It sounds like one local privilege escalation (possibly?) and a series of crashers?
Honestly walking away with those being the highest severity bugs is a credit to the OpenBSD team and their focus on security. They're totally bugs and it sounds like they're getting fixed immediately, but... many kernels fix these types of things all the time and don't even consider them security bugs.
Those bugs come from syscall fuzzing. Local privilege escalation is the worst thing you can get from it, so the results are as bad as they can be (apart from finding multiple privilege escalations that is).
I see your point, but it doesn't happen to be true, a bug in recv, send or other networking syscalls certainly could be much worse than a local priv escalation.
And seriously, only one local priv escalation and some crashers is still a pretty light haul for a good fuzzing session from a competent team. The sky is not falling for OpenBSD today.
I'm not sure I follow. Certainly, bugs in the TCP/IP subsystem can be worse than syscall bugs. But what's the bug in recv(2) that is going to be worse than that?
I don't think anyone thinks the sky is falling. To me what's interesting about this is the approach Jesse and Tim took, and how quickly it generated very straightforward panics.
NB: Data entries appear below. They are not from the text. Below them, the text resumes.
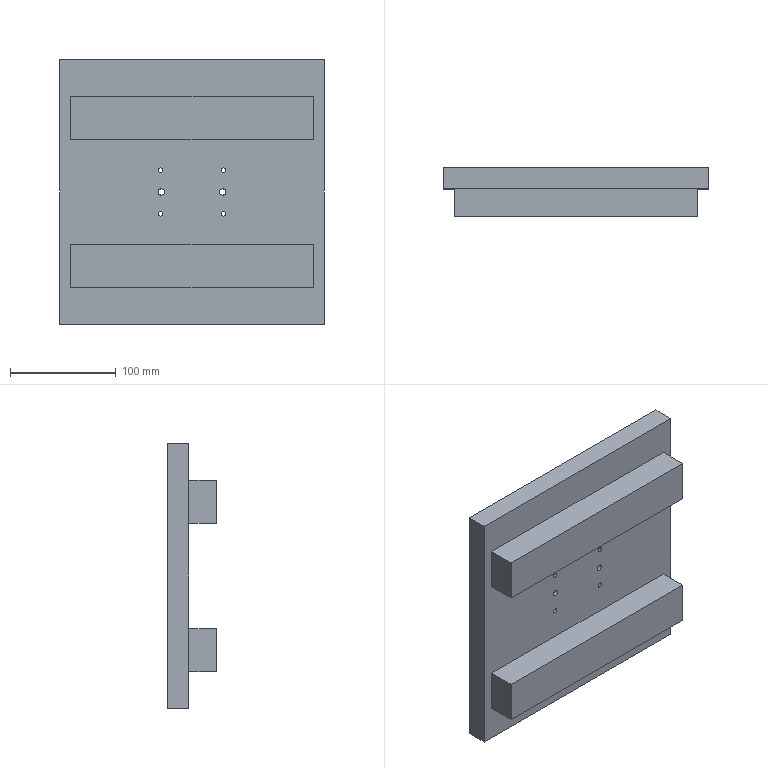Component | SolidWorks | WorkPlatform-1 | 1 solid | 43 faces | box 250 x 46 x 250 mm | volume 1732663 mm3 | cylinder 22 | plane 21 | commonest cylinder face diameters 4.542 x8 8.034 x8 5.965 x4 18.759 x2
build123d program:
from build123d import *

# Parameters (mm, degrees)
SKETCH1_W           = 230
SKETCH1_H           = 230
BOSS_EXTRUDE1_DEPTH = 20
SKETCH3_R           = 4.017
CUT_EXTRUDE1_DEPTH  = 10
SKETCH4_R           = 2.271
CUT_EXTRUDE2_DEPTH  = 48
SKETCH5_R           = 2.983
CUT_EXTRUDE3_DEPTH  = 29
SKETCH6_W           = 40.761
SKETCH6_H           = 230
BOSS_EXTRUDE2_DEPTH = 26.003
SKETCH7_R           = 8.316
CUT_EXTRUDE4_DEPTH  = 1.5
SKETCH8_W           = 250
SKETCH8_H           = 250
SKETCH8_W_2         = 230
SKETCH8_H_2         = 230
BOSS_EXTRUDE3_DEPTH = 20
BOSS_EXTRUDE4_START = 1.5
SKETCH9_R           = 8.316
BOSS_EXTRUDE4_DEPTH = 1.5
SKETCH10_R          = 9.38
CUT_EXTRUDE5_DEPTH  = 4


with BuildPart() as part:
    # Sketch1 → Boss-Extrude1 (new body)
    with BuildSketch(Plane(origin=(0, 0, 0), x_dir=(1, 0, 0), z_dir=(0, 1, 0))):
        Rectangle(SKETCH1_W, SKETCH1_H)
    extrude(amount=BOSS_EXTRUDE1_DEPTH)

    # Sketch3 → Cut-Extrude1 (cut)
    with BuildSketch(Plane(origin=(0, 20, 0), x_dir=(1, 0, 0), z_dir=(0, 1, 0))):
        with Locations(Location((20.473, 29.799, 0), (0, 0, 270))):
            Circle(SKETCH3_R)
        with Locations(Location((20.473, -29.799, 0), (0, 0, 90))):
            Circle(SKETCH3_R)
        with Locations(Location((-20.473, -29.799, 0), (0, 0, 270))):
            Circle(SKETCH3_R)
        with Locations(Location((-20.473, 29.799, 0), (0, 0, 90))):
            Circle(SKETCH3_R)
    extrude(amount=-CUT_EXTRUDE1_DEPTH, mode=Mode.SUBTRACT)

    # Sketch4 → Cut-Extrude2 (cut)
    with BuildSketch(Plane(origin=(0, 10, 0), x_dir=(1, 0, 0), z_dir=(0, 1, 0))):
        with Locations(Location((20.473, 29.799, 0), (0, 0, 270))):
            Circle(SKETCH4_R)
        with Locations(Location((20.473, -29.799, 0), (0, 0, 270))):
            Circle(SKETCH4_R)
        with Locations(Location((-20.473, -29.799, 0), (0, 0, 270))):
            Circle(SKETCH4_R)
        with Locations(Location((-20.473, 29.799, 0), (0, 0, 270))):
            Circle(SKETCH4_R)
    extrude(amount=-CUT_EXTRUDE2_DEPTH, mode=Mode.SUBTRACT)

    # Sketch5 → Cut-Extrude3 (cut)
    with BuildSketch(Plane(origin=(0, 20, 0), x_dir=(1, 0, 0), z_dir=(0, 1, 0))):
        with Locations(Location((0, 29.142, 0), (0, 0, 270))):
            Circle(SKETCH5_R)
        with Locations(Location((0, -29.142, 0), (0, 0, 270))):
            Circle(SKETCH5_R)
    extrude(amount=-CUT_EXTRUDE3_DEPTH, mode=Mode.SUBTRACT)

    # Sketch6 → Boss-Extrude2 (add)
    with BuildSketch(Plane.XZ):
        with Locations((-70.515, 0)):
            Rectangle(SKETCH6_W, SKETCH6_H)
    boss_extrude2 = extrude(amount=BOSS_EXTRUDE2_DEPTH)

    # Mirror1: Boss-Extrude2 across plane
    add(boss_extrude2.mirror(Plane.ZY))

    # Sketch7 → Cut-Extrude4 (cut)
    with BuildSketch(Plane.XY.offset(115)):
        with Locations((67.772, -0.5408)):
            Circle(SKETCH7_R)
    extrude(amount=-CUT_EXTRUDE4_DEPTH, mode=Mode.SUBTRACT)

    # Sketch8 → Boss-Extrude3 (add)
    with BuildSketch(Plane(origin=(0, 20, 0), x_dir=(1, 0, 0), z_dir=(0, 1, 0))):
        Rectangle(SKETCH8_W, SKETCH8_H)
        Rectangle(SKETCH8_W_2, SKETCH8_H_2, mode=Mode.SUBTRACT)
    extrude(amount=-BOSS_EXTRUDE3_DEPTH)

    # Sketch9 → Boss-Extrude4 (add)
    with BuildSketch(Plane.XY.offset(113.5).offset(BOSS_EXTRUDE4_START)):
        with Locations((67.772, -0.5408)):
            Circle(SKETCH9_R)
    extrude(amount=-BOSS_EXTRUDE4_DEPTH)

    # Sketch10 → Cut-Extrude5 (cut)
    with BuildSketch(Plane.XY.offset(115)):
        with Locations((69.517, -12.625)):
            Circle(SKETCH10_R)
    extrude(amount=-CUT_EXTRUDE5_DEPTH, mode=Mode.SUBTRACT)


solid = part.part

# Placed as in the assembly
solid = solid.moved(Location((56.772, 96.74, 0), (0, 90, 0)))

If there was a systematic bug in receive or send where a certain string of data corrupted a buffer allowing for code execution, exploiting it remotely would be simple if there's any code on the machine using that syscall.
I'm not saying this is a likely bug, or even something vaguely reasonable, but it could totally be found with local syscall fuzzing, so local priv escalation isn't the worst bug you can uncover.
send/recv is the syscall side of the kernel, so no that's still local attackers.
"I'm going to try to find bugs by calling 'recv' with strange parameters" will not find bugs that are triggered by any type of data coming off of the wire.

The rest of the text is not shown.